The four factors to be considered when determining whether the use of a work, is fair use, are: (1) the purposes and character of the use, including whether such use is of a commercial nature or is for nonprofit education purposes; (2) the nature of the copyrighted work; (3) the amount and substantiality of the portion used in relation to the copyrighted work as a whole; and (4) the effect of the use upon the potential market for or value of the copyrighted work. 17 U.S.C. § 107. 

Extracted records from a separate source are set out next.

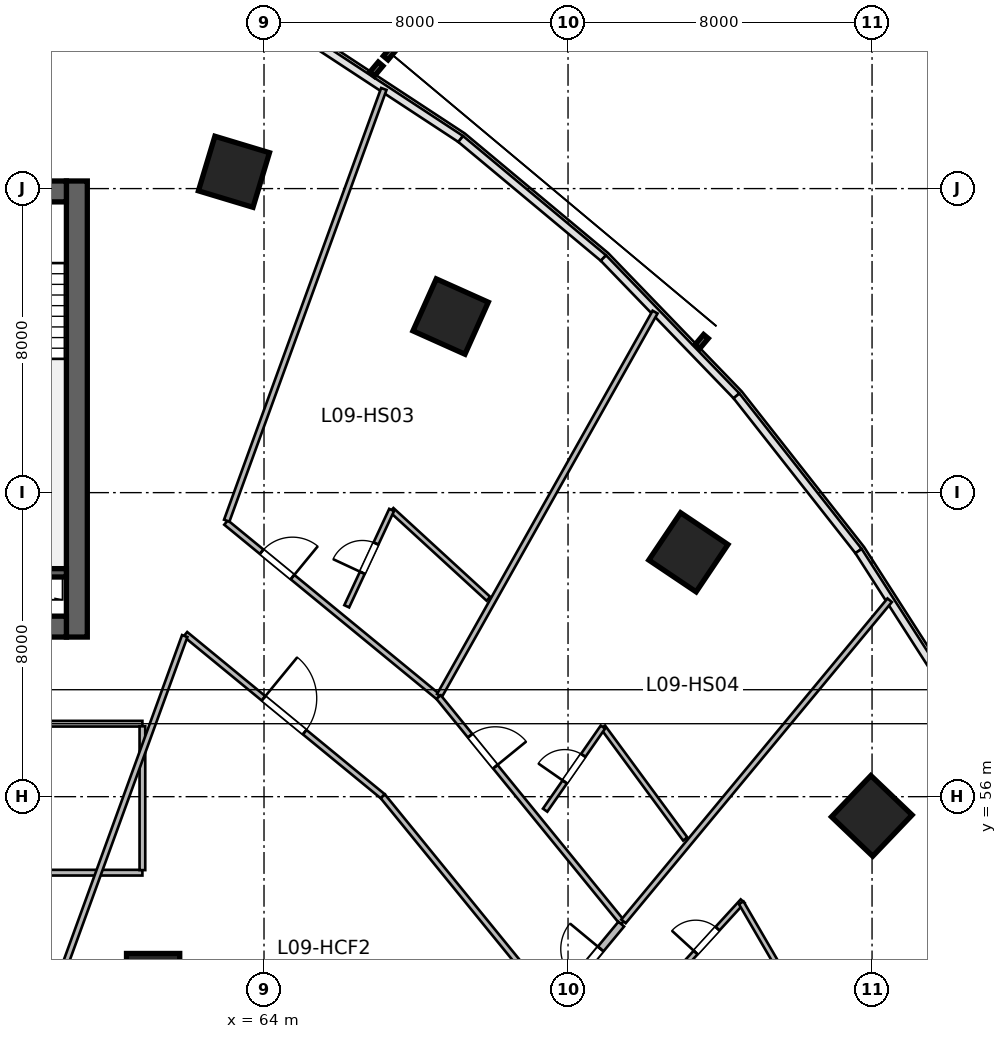
"""IFC4 building model, lengths in metres.
Left out: names, types, materials, properties, quantities, classifications, styles, units other than length and angle.
Written with IfcOpenShell. Run it as: python <this file> out.ifc"""

import sys

from ifc_helpers import new_model, si_unit, direction, frame, frame_2d, origin, origin_2d, place, context, subcontext, project, spatial, rectangle, circle, extrude, source, transform, mapped, element, fill, save


model = new_model("IFC4")
c1 = context("Model", 3, precision=1e-05, world=origin(), true_north=direction((0.0, 1.0)))
c2 = subcontext(c1, "Body", "Model", "MODEL_VIEW")
j1 = project(units=[si_unit("LENGTHUNIT", "METRE"), si_unit("PLANEANGLEUNIT", "RADIAN")], contexts=[c1])
p1 = place(None, origin())
s1 = spatial("IfcSite", under=j1, at=p1, CompositionType="ELEMENT")
p2 = place(p1, origin())
s2 = spatial("IfcBuilding", under=s1, at=p2, CompositionType="ELEMENT")
p3 = place(p2, frame((0.0, 0.0, 46.2)))
s3 = spatial("IfcBuildingStorey", under=s2, at=p3, CompositionType="ELEMENT", Elevation=46.2)
m1 = source(origin(), c2, "Body", "SweptSolid", [
    extrude(rectangle(XDim=12.0, YDim=0.55, at=frame_2d((6.0, 0.0))), origin(), (0.0, 0.0, 1.0), 3.6),
])
p4 = place(p3, frame((59.075, 60.2, 0.0), z_axis=(0.0, 0.0, 1.0), x_axis=(0.0, 1.0, 0.0)))
e1 = element("IfcWall", 1, at=p4, inside=s3, PredefinedType="SHEAR", context=c2, shape_type="MappedRepresentation", body=[
    mapped(m1, transform((0.0, 0.0, 0.0), scale=1.0)),
])
m2 = source(origin(), c2, "Body", "SweptSolid", [
    extrude(rectangle(XDim=21.6, YDim=0.55, at=frame_2d((10.8, 0.0))), origin(), (0.0, 0.0, 1.0), 3.6),
])
p5 = place(p3, frame((37.2, 60.475, 0.0), z_axis=(0.0, 0.0, 1.0), x_axis=(1.0, 0.0, 0.0)))
e2 = element("IfcWall", 2, at=p5, inside=s3, PredefinedType="SHEAR", context=c2, shape_type="MappedRepresentation", body=[
    mapped(m2, transform((0.0, 0.0, 0.0), scale=1.0)),
])
p6 = place(p5, frame((1.1, 0.0, 0.0)))
e3 = element("IfcOpeningElement", 3, at=p6, cuts=e2, PredefinedType="OPENING", context=c2, shape_type="SweptSolid", body=[
    extrude(rectangle(XDim=1.15, YDim=2.15, at=frame_2d((0.575, 1.075))), frame((0.0, 0.285, 0.0), z_axis=(0.0, -1.0, 0.0), x_axis=(1.0, 0.0, 0.0)), (0.0, 0.0, 1.0), 0.57),
])
p7 = place(p5, frame((19.5, 0.0, 0.0)))
e4 = element("IfcOpeningElement", 4, at=p7, cuts=e2, PredefinedType="OPENING", context=c2, shape_type="SweptSolid", body=[
    extrude(rectangle(XDim=0.9, YDim=2.1, at=frame_2d((0.45, 1.05))), frame((0.0, 0.285, 0.0), z_axis=(0.0, -1.0, 0.0), x_axis=(1.0, 0.0, 0.0)), (0.0, 0.0, 1.0), 0.57),
])
p8 = place(p5, frame((12.02, 0.0, 0.0)))
e5 = element("IfcOpeningElement", 5, at=p8, cuts=e2, PredefinedType="OPENING", context=c2, shape_type="SweptSolid", body=[
    extrude(rectangle(XDim=1.6, YDim=2.15, at=frame_2d((0.8, 1.075))), frame((0.0, 0.285, 0.0), z_axis=(0.0, -1.0, 0.0), x_axis=(1.0, 0.0, 0.0)), (0.0, 0.0, 1.0), 0.57),
])
p9 = place(p3, frame((37.2, 71.925, 0.0), z_axis=(0.0, 0.0, 1.0), x_axis=(1.0, 0.0, 0.0)))
e6 = element("IfcWall", 6, at=p9, inside=s3, PredefinedType="SHEAR", context=c2, shape_type="MappedRepresentation", body=[
    mapped(m2, transform((0.0, 0.0, 0.0), scale=1.0)),
])
p10 = place(p9, frame((1.2, 0.0, 0.0)))
e7 = element("IfcOpeningElement", 7, at=p10, cuts=e6, PredefinedType="OPENING", context=c2, shape_type="SweptSolid", body=[
    extrude(rectangle(XDim=0.9, YDim=2.1, at=frame_2d((0.45, 1.05))), frame((0.0, 0.285, 0.0), z_axis=(0.0, -1.0, 0.0), x_axis=(1.0, 0.0, 0.0)), (0.0, 0.0, 1.0), 0.57),
])
p11 = place(p9, frame((14.7, 0.0, 0.0)))
e8 = element("IfcOpeningElement", 8, at=p11, cuts=e6, PredefinedType="OPENING", context=c2, shape_type="SweptSolid", body=[
    extrude(rectangle(XDim=1.2, YDim=2.15, at=frame_2d((0.6, 1.075))), frame((0.0, 0.285, 0.0), z_axis=(0.0, -1.0, 0.0), x_axis=(1.0, 0.0, 0.0)), (0.0, 0.0, 1.0), 0.57),
])
p12 = place(p9, frame((4.15, 0.0, 0.0)))
e9 = element("IfcOpeningElement", 9, at=p12, cuts=e6, PredefinedType="OPENING", context=c2, shape_type="SweptSolid", body=[
    extrude(rectangle(XDim=1.3, YDim=2.15, at=frame_2d((0.65, 1.075))), frame((0.0, 0.285, 0.0), z_axis=(0.0, -1.0, 0.0), x_axis=(1.0, 0.0, 0.0)), (0.0, 0.0, 1.0), 0.57),
])
p13 = place(p9, frame((7.25, 0.0, 0.0)))
e10 = element("IfcOpeningElement", 10, at=p13, cuts=e6, PredefinedType="OPENING", context=c2, shape_type="SweptSolid", body=[
    extrude(rectangle(XDim=0.9, YDim=2.1, at=frame_2d((0.45, 1.05))), frame((0.0, 0.285, 0.0), z_axis=(0.0, -1.0, 0.0), x_axis=(1.0, 0.0, 0.0)), (0.0, 0.0, 1.0), 0.57),
])
p14 = place(p9, frame((10.95, 0.0, 0.0)))
e11 = element("IfcOpeningElement", 11, at=p14, cuts=e6, PredefinedType="OPENING", context=c2, shape_type="SweptSolid", body=[
    extrude(rectangle(XDim=0.9, YDim=2.1, at=frame_2d((0.45, 1.05))), frame((0.0, 0.285, 0.0), z_axis=(0.0, -1.0, 0.0), x_axis=(1.0, 0.0, 0.0)), (0.0, 0.0, 1.0), 0.57),
])
m3 = source(origin(), c2, "Body", "SweptSolid", [
    extrude(rectangle(XDim=3.27, YDim=0.22, at=frame_2d((1.635, 0.0))), origin(), (0.0, 0.0, 1.0), 3.6),
])
p15 = place(p3, frame((55.53, 61.89, 0.0), z_axis=(0.0, 0.0, 1.0), x_axis=(1.0, 0.0, 0.0)))
e12 = element("IfcWall", 12, at=p15, inside=s3, PredefinedType="SHEAR", context=c2, shape_type="MappedRepresentation", body=[
    mapped(m3, transform((0.0, 0.0, 0.0), scale=1.0)),
])
m4 = source(origin(), c2, "Body", "SweptSolid", [
    extrude(rectangle(XDim=1.5, YDim=1.5, at=origin_2d()), origin(), (0.0, 0.0, 1.0), 3.6),
])
p16 = place(p3, frame((63.209, 72.442, 0.0), z_axis=(0.0, 0.0, 1.0), x_axis=(0.288697611798, 0.957420330337, 0.0)))
e13 = element("IfcColumn", 13, at=p16, inside=s3, PredefinedType="COLUMN", context=c2, shape_type="MappedRepresentation", body=[
    mapped(m4, transform((0.0, 0.0, 0.0), scale=1.0)),
])
m5 = source(origin(), c2, "Body", "SweptSolid", [
    extrude(circle(Radius=0.7, at=origin_2d()), origin(), (0.0, 0.0, 1.0), 3.6),
])
p17 = place(p3, frame((61.082, 51.175, 0.0), z_axis=(0.0, 0.0, 1.0), x_axis=(0.409126902895, 0.912477494148, 0.0)))
e14 = element("IfcColumn", 14, at=p17, inside=s3, PredefinedType="COLUMN", context=c2, shape_type="MappedRepresentation", body=[
    mapped(m5, transform((0.0, 0.0, 0.0), scale=1.0)),
])
for number, where, z_axis, x_axis in (
    (15, (68.91, 68.633, 0.0), (0.0, 0.0, 1.0), (0.409, 0.912, 0.0)),
    (16, (75.167, 62.43, 0.0), (0.0, 0.0, 1.0), (0.558, 0.83, 0.0)),
    (17, (79.993, 55.494, 0.0), (0.0, 0.0, 1.0), (0.691, 0.723, 0.0)),
):
    element("IfcColumn", number, at=place(p3, frame(where, z_axis=z_axis, x_axis=x_axis)), inside=s3, PredefinedType="COLUMN", context=c2, shape_type="MappedRepresentation", body=[
        mapped(m4, transform((0.0, 0.0, 0.0), scale=1.0)),
    ])
m6 = source(origin(), c2, "Body", "SweptSolid", [
    extrude(rectangle(XDim=6.6, YDim=0.15, at=frame_2d((3.3, 0.0))), origin(), (0.0, 0.0, 1.0), 2.803),
])
p18 = place(p3, frame((54.2, 54.0, 0.0), z_axis=(0.0, 0.0, 1.0), x_axis=(1.0, 0.0, 0.0)))
e18 = element("IfcWall", 18, at=p18, inside=s3, PredefinedType="PARTITIONING", context=c2, shape_type="MappedRepresentation", body=[
    mapped(m6, transform((0.0, 0.0, 0.0), scale=1.0)),
])
m7 = source(origin(), c2, "Body", "SweptSolid", [
    extrude(rectangle(XDim=6.6, YDim=0.15, at=frame_2d((3.3, 0.0))), origin(), (0.0, 0.0, 1.0), 3.36),
])
p19 = place(p3, frame((54.2, 57.92, 0.0), z_axis=(0.0, 0.0, 1.0), x_axis=(1.0, 0.0, 0.0)))
e19 = element("IfcWall", 19, at=p19, inside=s3, PredefinedType="PARTITIONING", context=c2, shape_type="MappedRepresentation", body=[
    mapped(m7, transform((0.0, 0.0, 0.0), scale=1.0)),
])
p20 = place(p19, frame((2.825, 0.0, 0.0)))
e20 = element("IfcOpeningElement", 20, at=p20, cuts=e19, PredefinedType="OPENING", context=c2, shape_type="SweptSolid", body=[
    extrude(rectangle(XDim=0.95, YDim=2.1, at=frame_2d((0.475, 1.05))), frame((0.0, 0.085, 0.0), z_axis=(0.0, -1.0, 0.0), x_axis=(1.0, 0.0, 0.0)), (0.0, 0.0, 1.0), 0.17),
])
m8 = source(origin(), c2, "Body", "SweptSolid", [
    extrude(rectangle(XDim=3.785, YDim=0.15, at=frame_2d((1.893, 0.0))), origin(), (0.0, 0.0, 1.0), 3.36),
])
p21 = place(p3, frame((60.8, 54.067, 0.0), z_axis=(0.0, 0.0, 1.0), x_axis=(0.0, 1.0, 0.0)))
e21 = element("IfcWall", 21, at=p21, inside=s3, PredefinedType="PARTITIONING", context=c2, shape_type="MappedRepresentation", body=[
    mapped(m8, transform((0.0, 0.0, 0.0), scale=1.0)),
])
m9 = source(origin(), c2, "Body", "SweptSolid", [
    extrude(rectangle(XDim=7.237, YDim=0.15, at=frame_2d((3.618, 0.0))), origin(), (0.0, 0.0, 1.0), 3.36),
])
p22 = place(p3, frame((63.001, 63.214, 0.0), z_axis=(0.0, 0.0, 1.0), x_axis=(0.772813707793, -0.634632943557, 0.0)))
e22 = element("IfcWall", 22, at=p22, inside=s3, PredefinedType="PARTITIONING", context=c2, shape_type="MappedRepresentation", body=[
    mapped(m9, transform((0.0, 0.0, 0.0), scale=1.0)),
])
p23 = place(p22, frame((1.212, 0.0, 0.0)))
e23 = element("IfcOpeningElement", 23, at=p23, cuts=e22, PredefinedType="OPENING", context=c2, shape_type="SweptSolid", body=[
    extrude(rectangle(XDim=1.05, YDim=2.15, at=frame_2d((0.525, 1.075))), frame((0.0, 0.085, 0.0), z_axis=(0.0, -1.0, 0.0), x_axis=(1.0, 0.0, 0.0)), (0.0, 0.0, 1.0), 0.17),
])
m10 = source(origin(), c2, "Body", "SweptSolid", [
    extrude(rectangle(XDim=12.088, YDim=0.15, at=frame_2d((6.044, 0.0))), origin(), (0.0, 0.0, 1.0), 3.36),
])
p24 = place(p3, frame((63.019, 63.262, 0.0), z_axis=(0.0, 0.0, 1.0), x_axis=(0.34203007529, 0.939689005787, 0.0)))
e24 = element("IfcWall", 24, at=p24, inside=s3, PredefinedType="PARTITIONING", context=c2, shape_type="MappedRepresentation", body=[
    mapped(m10, transform((0.0, 0.0, 0.0), scale=1.0)),
])
m11 = source(origin(), c2, "Body", "SweptSolid", [
    extrude(rectangle(XDim=11.573, YDim=0.15, at=frame_2d((5.786, 0.0))), origin(), (0.0, 0.0, 1.0), 3.36),
])
p25 = place(p3, frame((68.618, 58.664, 0.0), z_axis=(0.0, 0.0, 1.0), x_axis=(0.490161073951, 0.871631872744, 0.0)))
e25 = element("IfcWall", 25, at=p25, inside=s3, PredefinedType="PARTITIONING", context=c2, shape_type="MappedRepresentation", body=[
    mapped(m11, transform((0.0, 0.0, 0.0), scale=1.0)),
])
m12 = source(origin(), c2, "Body", "SweptSolid", [
    extrude(rectangle(XDim=3.456, YDim=0.14, at=frame_2d((1.728, 0.0))), origin(), (0.0, 0.0, 1.0), 3.36),
])
p26 = place(p3, frame((67.358, 63.544, 0.0), z_axis=(0.0, 0.0, 1.0), x_axis=(0.736860870293, -0.676044420013, 0.0)))
e26 = element("IfcWall", 26, at=p26, inside=s3, PredefinedType="PARTITIONING", context=c2, shape_type="MappedRepresentation", body=[
    mapped(m12, transform((0.0, 0.0, 0.0), scale=1.0)),
])
m13 = source(origin(), c2, "Body", "SweptSolid", [
    extrude(rectangle(XDim=2.796, YDim=0.14, at=frame_2d((1.398, 0.0))), origin(), (0.0, 0.0, 1.0), 3.36),
])
p27 = place(p3, frame((66.177, 61.009, 0.0), z_axis=(0.0, 0.0, 1.0), x_axis=(0.422316594955, 0.906448395456, 0.0)))
e27 = element("IfcWall", 27, at=p27, inside=s3, PredefinedType="PARTITIONING", context=c2, shape_type="MappedRepresentation", body=[
    mapped(m13, transform((0.0, 0.0, 0.0), scale=1.0)),
])
p28 = place(p27, frame((0.973, 0.0, 0.0)))
e28 = element("IfcOpeningElement", 28, at=p28, cuts=e27, PredefinedType="OPENING", context=c2, shape_type="SweptSolid", body=[
    extrude(rectangle(XDim=0.85, YDim=2.05, at=frame_2d((0.425, 1.025))), frame((0.0, 0.08, 0.0), z_axis=(0.0, -1.0, 0.0), x_axis=(1.0, 0.0, 0.0)), (0.0, 0.0, 1.0), 0.16),
])
m14 = source(origin(), c2, "Body", "SweptSolid", [
    extrude(rectangle(XDim=7.659, YDim=0.15, at=frame_2d((3.829, 0.0))), origin(), (0.0, 0.0, 1.0), 3.36),
])
p29 = place(p3, frame((68.594, 58.621, 0.0), z_axis=(0.0, 0.0, 1.0), x_axis=(0.631489868862, -0.775384127723, 0.0)))
e29 = element("IfcWall", 29, at=p29, inside=s3, PredefinedType="PARTITIONING", context=c2, shape_type="MappedRepresentation", body=[
    mapped(m14, transform((0.0, 0.0, 0.0), scale=1.0)),
])
p30 = place(p29, frame((1.313, 0.0, 0.0)))
e30 = element("IfcOpeningElement", 30, at=p30, cuts=e29, PredefinedType="OPENING", context=c2, shape_type="SweptSolid", body=[
    extrude(rectangle(XDim=1.05, YDim=2.15, at=frame_2d((0.525, 1.075))), frame((0.0, 0.085, 0.0), z_axis=(0.0, -1.0, 0.0), x_axis=(1.0, 0.0, 0.0)), (0.0, 0.0, 1.0), 0.17),
])
m15 = source(origin(), c2, "Body", "SweptSolid", [
    extrude(rectangle(XDim=10.975, YDim=0.15, at=frame_2d((5.487, 0.0))), origin(), (0.0, 0.0, 1.0), 3.36),
])
p31 = place(p3, frame((73.46, 52.719, 0.0), z_axis=(0.0, 0.0, 1.0), x_axis=(0.638125265812, 0.769932558821, 0.0)))
e31 = element("IfcWall", 31, at=p31, inside=s3, PredefinedType="PARTITIONING", context=c2, shape_type="MappedRepresentation", body=[
    mapped(m15, transform((0.0, 0.0, 0.0), scale=1.0)),
])
m16 = source(origin(), c2, "Body", "SweptSolid", [
    extrude(rectangle(XDim=3.656, YDim=0.14, at=frame_2d((1.828, 0.0))), origin(), (0.0, 0.0, 1.0), 3.36),
])
p32 = place(p3, frame((72.918, 57.831, 0.0), z_axis=(0.0, 0.0, 1.0), x_axis=(0.592700141555, -0.805423206892, 0.0)))
e32 = element("IfcWall", 32, at=p32, inside=s3, PredefinedType="PARTITIONING", context=c2, shape_type="MappedRepresentation", body=[
    mapped(m16, transform((0.0, 0.0, 0.0), scale=1.0)),
])
m17 = source(origin(), c2, "Body", "SweptSolid", [
    extrude(rectangle(XDim=2.663, YDim=0.14, at=frame_2d((1.332, 0.0))), origin(), (0.0, 0.0, 1.0), 3.36),
])
p33 = place(p3, frame((71.397, 55.645, 0.0), z_axis=(0.0, 0.0, 1.0), x_axis=(0.570905989724, 0.821015438891, 0.0)))
e33 = element("IfcWall", 33, at=p33, inside=s3, PredefinedType="PARTITIONING", context=c2, shape_type="MappedRepresentation", body=[
    mapped(m17, transform((0.0, 0.0, 0.0), scale=1.0)),
])
p34 = place(p33, frame((0.906, 0.0, 0.0)))
e34 = element("IfcOpeningElement", 34, at=p34, cuts=e33, PredefinedType="OPENING", context=c2, shape_type="SweptSolid", body=[
    extrude(rectangle(XDim=0.85, YDim=2.05, at=frame_2d((0.425, 1.025))), frame((0.0, 0.08, 0.0), z_axis=(0.0, -1.0, 0.0), x_axis=(1.0, 0.0, 0.0)), (0.0, 0.0, 1.0), 0.16),
])
m18 = source(origin(), c2, "Body", "SweptSolid", [
    extrude(rectangle(XDim=6.721, YDim=0.15, at=frame_2d((3.361, 0.0))), origin(), (0.0, 0.0, 1.0), 3.36),
])
p35 = place(p3, frame((61.931, 60.275, 0.0), z_axis=(0.0, 0.0, 1.0), x_axis=(0.772828051199, -0.63461547671, 0.0)))
e35 = element("IfcWall", 35, at=p35, inside=s3, PredefinedType="PARTITIONING", context=c2, shape_type="MappedRepresentation", body=[
    mapped(m18, transform((0.0, 0.0, 0.0), scale=1.0)),
])
p36 = place(p35, frame((2.66, 0.0, 0.0)))
e36 = element("IfcOpeningElement", 36, at=p36, cuts=e35, PredefinedType="OPENING", context=c2, shape_type="SweptSolid", body=[
    extrude(rectangle(XDim=1.4, YDim=2.15, at=frame_2d((0.7, 1.075))), frame((0.0, 0.085, 0.0), z_axis=(0.0, -1.0, 0.0), x_axis=(1.0, 0.0, 0.0)), (0.0, 0.0, 1.0), 0.17),
])
m19 = source(origin(), c2, "Body", "SweptSolid", [
    extrude(rectangle(XDim=7.113, YDim=0.15, at=frame_2d((3.556, 0.0))), origin(), (0.0, 0.0, 1.0), 3.36),
])
p37 = place(p3, frame((67.126, 56.01, 0.0), z_axis=(0.0, 0.0, 1.0), x_axis=(0.63149032532, -0.775383755974, 0.0)))
e37 = element("IfcWall", 37, at=p37, inside=s3, PredefinedType="PARTITIONING", context=c2, shape_type="MappedRepresentation", body=[
    mapped(m19, transform((0.0, 0.0, 0.0), scale=1.0)),
])
m20 = source(origin(), c2, "Body", "SweptSolid", [
    extrude(rectangle(XDim=12.196, YDim=0.15, at=frame_2d((6.098, 0.0))), origin(), (0.0, 0.0, 1.0), 3.36),
])
p38 = place(p3, frame((57.742, 48.766, 0.0), z_axis=(0.0, 0.0, 1.0), x_axis=(0.342022711534, 0.939691686031, 0.0)))
e38 = element("IfcWall", 38, at=p38, inside=s3, PredefinedType="PARTITIONING", context=c2, shape_type="MappedRepresentation", body=[
    mapped(m20, transform((0.0, 0.0, 0.0), scale=1.0)),
])
m21 = source(origin(), c2, "Body", "SweptSolid", [
    extrude(rectangle(XDim=2.748, YDim=0.195, at=frame_2d((1.374, 0.0))), origin(), (0.0, 0.0, 1.0), 3.36),
])
p39 = place(p3, frame((71.647, 50.531, 0.0), z_axis=(0.0, 0.0, 1.0), x_axis=(0.638111168284, 0.769944242729, 0.0)))
e39 = element("IfcWall", 39, at=p39, inside=s3, PredefinedType="PARTITIONING", context=c2, shape_type="MappedRepresentation", body=[
    mapped(m21, transform((0.0, 0.0, 0.0), scale=1.0)),
])
p40 = place(p39, frame((0.849, 0.0, 0.0)))
e40 = element("IfcOpeningElement", 40, at=p40, cuts=e39, PredefinedType="OPENING", context=c2, shape_type="SweptSolid", body=[
    extrude(rectangle(XDim=1.05, YDim=2.15, at=frame_2d((0.525, 1.075))), frame((0.0, 0.107, 0.0), z_axis=(0.0, -1.0, 0.0), x_axis=(1.0, 0.0, 0.0)), (0.0, 0.0, 1.0), 0.215),
])
m22 = source(origin(), c2, "Body", "SweptSolid", [
    extrude(rectangle(XDim=2.812, YDim=0.14, at=frame_2d((1.406, 0.0))), origin(), (0.0, 0.0, 1.0), 3.36),
])
p41 = place(p3, frame((74.697, 51.177, 0.0), z_axis=(0.0, 0.0, 1.0), x_axis=(0.675119025852, 0.737708818527, 0.0)))
e41 = element("IfcWall", 41, at=p41, inside=s3, PredefinedType="PARTITIONING", context=c2, shape_type="MappedRepresentation", body=[
    mapped(m22, transform((0.0, 0.0, 0.0), scale=1.0)),
])
p42 = place(p41, frame((0.981, 0.0, 0.0)))
e42 = element("IfcOpeningElement", 42, at=p42, cuts=e41, PredefinedType="OPENING", context=c2, shape_type="SweptSolid", body=[
    extrude(rectangle(XDim=0.85, YDim=2.05, at=frame_2d((0.425, 1.025))), frame((0.0, 0.08, 0.0), z_axis=(0.0, -1.0, 0.0), x_axis=(1.0, 0.0, 0.0)), (0.0, 0.0, 1.0), 0.16),
])
m23 = source(origin(), c2, "Body", "SweptSolid", [
    extrude(rectangle(XDim=2.045, YDim=0.14, at=frame_2d((1.022, 0.0))), origin(), (0.0, 0.0, 1.0), 3.36),
])
p43 = place(p3, frame((76.557, 53.209, 0.0), z_axis=(0.0, 0.0, 1.0), x_axis=(0.5023112139, -0.864686905411, 0.0)))
e43 = element("IfcWall", 43, at=p43, inside=s3, PredefinedType="PARTITIONING", context=c2, shape_type="MappedRepresentation", body=[
    mapped(m23, transform((0.0, 0.0, 0.0), scale=1.0)),
])
m24 = source(origin(), c2, "Body", "SweptSolid", [
    extrude(rectangle(XDim=1.05, YDim=2.15, at=frame_2d((0.525, 1.075))), frame((0.0, 0.025, 0.0), z_axis=(0.0, -1.0, 0.0), x_axis=(1.0, 0.0, 0.0)), (0.0, 0.0, 1.0), 0.05),
])
p44 = place(p23, origin())
e44 = element("IfcDoor", 44, at=p44, inside=s3, OperationType="SINGLE_SWING_RIGHT", PredefinedType="DOOR", context=c2, shape_type="MappedRepresentation", body=[
    mapped(m24, transform((0.0, 0.0, 0.0), scale=1.0)),
])
fill(e23, e44)
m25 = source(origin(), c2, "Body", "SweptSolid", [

Judge Chin found that a key consideration, as part of the inquiry into the first factor, was whether the use of the copyrighted work is transformative. That is, does the new work add "something new, with a further purpose or different character, altering the first with new expression, meaning, or message; it asks, in other words, whether and to what extent the new work is 'transformative.'" Author's Guild v. Google, Inc., No. 05-cv-8136, 2013 U.S. Dist. LEXIS 162198, at *19-20 (S.D.N.Y. Nov. 14, 2013); see Campbell v. Acuff-Rose Music, Inc., 510 U.S. 569, 579 (1994). 

In addressing this action, Judge Chin held that Google's use of the copyrighted works was "highly transformative," because Google transformed books into digitized text that can be used by scholars, researchers and others to find books, and it may be used for substantive research, including data mining and text mining in new areas, thus opening up new fields of research. Authors Guild, 2013 U.S. Dist. LEXIS 162198, at *22. While Judge Chin acknowledged the fact that Google is a for-profit company, and that this weighed against a finding of fair use, he found that Google Books serves several important educational purposes and because of this, the first factor of the fair use test strongly favors a finding of fair use

In turning to the second factor, the nature of the copyrighted work, Judge Chin found that a majority of the books in Google Books (93 percent) were non-fiction and the books were published and available to the public, and these considerations favored a finding of fair use. 

Although Judge Chin found the third factor, "the amount and substantiality of the portion used in relation to the copyrighted work as a whole," to weigh slightly against a finding of fair use because Google copied the full text of books, he also found it significant that Google limited the amount of text it displays in response to a search. 

The fourth factor was "the effect of the use upon the market for or value of the copyrighted work." Judge Chin found that a reasonable fact finder could only find that Google Books enhanced the sales of books to the benefit of copyright holders. Google Books provides a way for authors' works to become noticed and potentially purchased. Google Books provides authors with a potentially larger audience and potentially increased book sales. This factor weighed strongly in favor of a finding of fair use.

Overall, Judge Chin found that Google Books "provides significant public benefits. It advanced the progress of the arts and sciences, while maintaining respectful consideration for the rights of authors and other creative individuals, and without adversely impacting the rights of copyright holders." Authors Guild, 2013 U.S. Dist. LEXIS 162198, at *27-28. Therefore, Google was entitled to summary judgment holding that Google's actions were a fair use. 

This does not appear to be the end of the story, as The Authors Guild has announced plans to appeal the decision.